Morales' supporters rallied to show their opposition to Camacho on Monday, blocking roads leading to LPB. Additional roadblocks on Tuesday cannot be ruled out.

A heightened security presence and associated disruptions are anticipated around all protest sites. Violence between demonstrators and security forces or rival political supporters may also occur.


Tensions have been high in the country since the Supreme Electoral Tribunal of Bolivia (TSE) halted its provisionary vote count on October 20 after 83 percent of the ballot was completed. Initial results indicated that President Evo Morales was short of securing the 10-percentage point lead needed to prevent a runoff election. However, on October 21, the TSE updated the count, indicating that President Evo Morales secured 47.08 percent of the vote against his primary rival Carlos Mesa, who received 35.51 percent, preventing a runoff. Political opposition supporters are accusing the TSE of manipulating the vote in favor of Morales.
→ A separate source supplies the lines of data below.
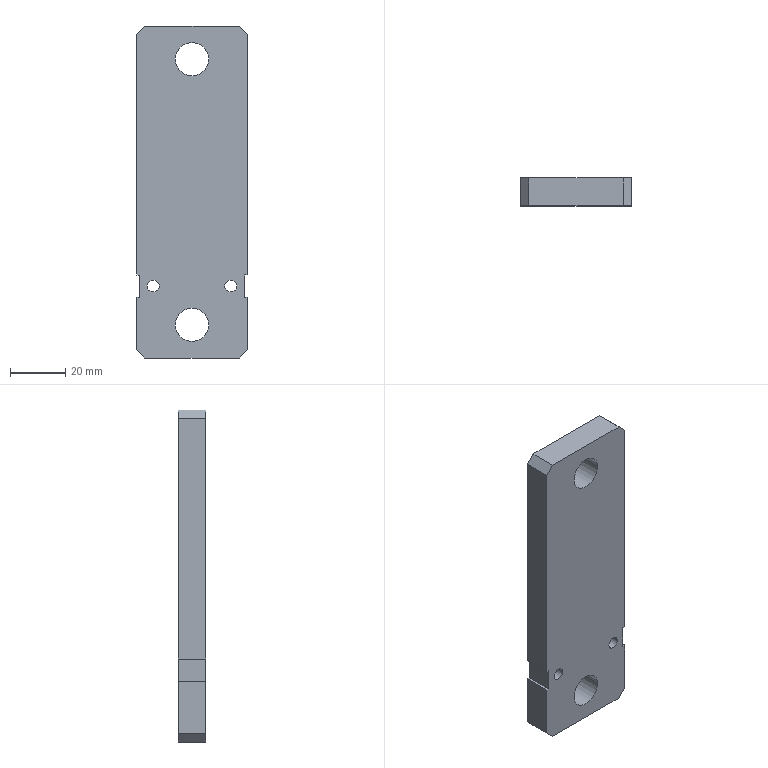Component | SolidWorks | HandlingMechanism-2_A071-1 | 1 solid | 32 faces | box 40 x 10 x 120 mm | volume 44793 mm3 | plane 20 | cylinder 12 | commonest cylinder face diameters 8 x4 4.3 x4 12 x4
build123d program:
from build123d import *

# Parameters (mm, degrees)
SKETCH4_W                                       = 40
SKETCH4_H                                       = 120
BOSS_EXTRUDE3_DEPTH                             = 10
CHAMFER1_SIZE                                   = 3
M12X1_TAPPED_HOLE1_D                            = 12
M12X1_TAPPED_HOLE1_DEPTH                        = 26.25
M12X1_TAPPED_HOLE1_TIP                          = 3.605
SKETCH8_W                                       = 1
SKETCH8_H                                       = 8
CUT_EXTRUDE2_DEPTH                              = 20
M4_HEX_SOCKET_HEAD_CAP_SCREW_CBORE1_D           = 4.3
M4_HEX_SOCKET_HEAD_CAP_SCREW_CBORE1_CBORE_D     = 8
M4_HEX_SOCKET_HEAD_CAP_SCREW_CBORE1_CBORE_DEPTH = 4.4


with BuildPart() as part:
    # Sketch4 → Boss-Extrude3 (new body)
    with BuildSketch(Plane(origin=(0, 0, 0), x_dir=(-1, 0, 0), z_dir=(0, 0, -1))):
        Rectangle(SKETCH4_W, SKETCH4_H)
    extrude(amount=BOSS_EXTRUDE3_DEPTH)

    # Chamfer1
    chamfer1_edges = [part.edges().sort_by_distance(p)[0] for p in [
        (20, 60, -5),
        (-20, 60, -5),
        (-20, -60, -5),
        (20, -60, -5),
    ]]
    chamfer(chamfer1_edges, length=CHAMFER1_SIZE)

    # M12x1 Tapped Hole1
    with Locations(Plane(origin=(0, 0, -10), x_dir=(-1, 0, 0), z_dir=(0, 0, -1))):
        with Locations((0, -48), (0, 48)):
            Hole(M12X1_TAPPED_HOLE1_D / 2, depth=M12X1_TAPPED_HOLE1_DEPTH)
            with Locations((0, 0, -(M12X1_TAPPED_HOLE1_DEPTH + M12X1_TAPPED_HOLE1_TIP / 2))):  # 118° drill point
                Cone(0, M12X1_TAPPED_HOLE1_D / 2, M12X1_TAPPED_HOLE1_TIP, mode=Mode.SUBTRACT)

    # Sketch8 → Cut-Extrude2 (cut)
    with BuildSketch(Plane(origin=(0, 0, -10), x_dir=(-1, 0, 0), z_dir=(0, 0, -1))):
        with Locations((19.5, 34)):
            Rectangle(SKETCH8_W, SKETCH8_H)
        with Locations((-19.5, 34)):
            Rectangle(SKETCH8_W, SKETCH8_H)
    extrude(amount=-CUT_EXTRUDE2_DEPTH, mode=Mode.SUBTRACT)

    # M4 Hex Socket Head Cap Screw CBORE1 (through all)
    with Locations(Plane(origin=(0, 0, -10), x_dir=(-1, 0, 0), z_dir=(0, 0, -1))):
        with Locations((-14, 34), (14, 34)):
            CounterBoreHole(M4_HEX_SOCKET_HEAD_CAP_SCREW_CBORE1_D / 2, M4_HEX_SOCKET_HEAD_CAP_SCREW_CBORE1_CBORE_D / 2, M4_HEX_SOCKET_HEAD_CAP_SCREW_CBORE1_CBORE_DEPTH)


solid = part.part

# Placed as in the assembly
solid = solid.moved(Location((25.881, 208.5, 187), (90, 0, -180)))
STEP:
#1=COLOUR_RGB('',0.7922,0.8196,0.9333);
#2=FILL_AREA_STYLE_COLOUR('',#1);
#3=FILL_AREA_STYLE('',(#2));
#4=SURFACE_STYLE_FILL_AREA(#3);
#5=SURFACE_SIDE_STYLE('',(#4));
#6=SURFACE_STYLE_USAGE(.BOTH.,#5);
#7=PRESENTATION_STYLE_ASSIGNMENT((#6));
#8=CARTESIAN_POINT('',(0.3103,8.429,6.024));
#9=VERTEX_POINT('',#8);
#10=CARTESIAN_POINT('',(0.6252,8.429,6.024));
#11=VERTEX_POINT('',#10);
#12=CARTESIAN_POINT('',(0.4677,8.429,6.024));
#13=DIRECTION('',(0.,1.,-0.));
#14=DIRECTION('',(1.,0.,0.));
#15=AXIS2_PLACEMENT_3D('',#12,#13,#14);
#16=CIRCLE('',#15,0.1575);
#17=EDGE_CURVE('',#9,#11,#16,.T.);
#18=ORIENTED_EDGE('',*,*,#17,.F.);
#19=CARTESIAN_POINT('',(0.3103,8.602,6.024));
#20=VERTEX_POINT('',#19);
#21=CARTESIAN_POINT('',(0.3103,8.602,6.024));
#22=DIRECTION('',(0.,1.,-0.));
#23=VECTOR('',#22,39.37);
#24=LINE('',#21,#23);
#25=EDGE_CURVE('',#9,#20,#24,.T.);
#26=ORIENTED_EDGE('',*,*,#25,.T.);
#27=CARTESIAN_POINT('',(0.6252,8.602,6.024));
#28=VERTEX_POINT('',#27);
#29=CARTESIAN_POINT('',(0.4677,8.602,6.024));
#30=DIRECTION('',(0.,1.,-0.));
#31=DIRECTION('',(1.,0.,0.));
#32=AXIS2_PLACEMENT_3D('',#29,#30,#31);
#33=CIRCLE('',#32,0.1575);
#34=EDGE_CURVE('',#20,#28,#33,.T.);
#35=ORIENTED_EDGE('',*,*,#34,.T.);
#36=CARTESIAN_POINT('',(0.6252,8.602,6.024));
#37=DIRECTION('',(0.,1.,-0.));
#38=VECTOR('',#37,39.37);
#39=LINE('',#36,#38);
#40=EDGE_CURVE('',#11,#28,#39,.T.);
#41=ORIENTED_EDGE('',*,*,#40,.F.);
#42=EDGE_LOOP('',(#18,#26,#35,#41));
#43=FACE_OUTER_BOUND('',#42,.T.);
#44=CARTESIAN_POINT('',(0.4677,8.602,6.024));
#45=DIRECTION('',(0.,1.,-0.));
#46=DIRECTION('',(1.,0.,0.));
#47=AXIS2_PLACEMENT_3D('',#44,#45,#46);
#48=CYLINDRICAL_SURFACE('',#47,0.1575);
#49=ADVANCED_FACE('',(#43),#48,.F.);
#50=CARTESIAN_POINT('',(0.3831,8.209,6.024));
#51=VERTEX_POINT('',#50);
#52=CARTESIAN_POINT('',(0.5524,8.209,6.024));
#53=VERTEX_POINT('',#52);
#54=CARTESIAN_POINT('',(0.4677,8.209,6.024));
#55=DIRECTION('',(0.,1.,-0.));
#56=DIRECTION('',(1.,0.,0.));
#57=AXIS2_PLACEMENT_3D('',#54,#55,#56);
#58=CIRCLE('',#57,0.08465);
#59=EDGE_CURVE('',#51,#53,#58,.T.);
#60=ORIENTED_EDGE('',*,*,#59,.F.);
#61=CARTESIAN_POINT('',(0.3831,8.429,6.024));
#62=VERTEX_POINT('',#61);
#63=CARTESIAN_POINT('',(0.3831,8.602,6.024));
#64=DIRECTION('',(0.,1.,-0.));
#65=VECTOR('',#64,39.37);
#66=LINE('',#63,#65);
#67=EDGE_CURVE('',#51,#62,#66,.T.);
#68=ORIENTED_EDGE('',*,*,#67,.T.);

The protests have already left 30 injured in the violence and constant clashes with police.


Individuals in La Paz, and Bolivia more generally, are advised to monitor developments to the situation, avoid all protests due to the risk of violence, prepare for disruptions to transportation and business in demonstration- and strike-affected areas, and adhere to any instructions issued by the local authorities and their home governments.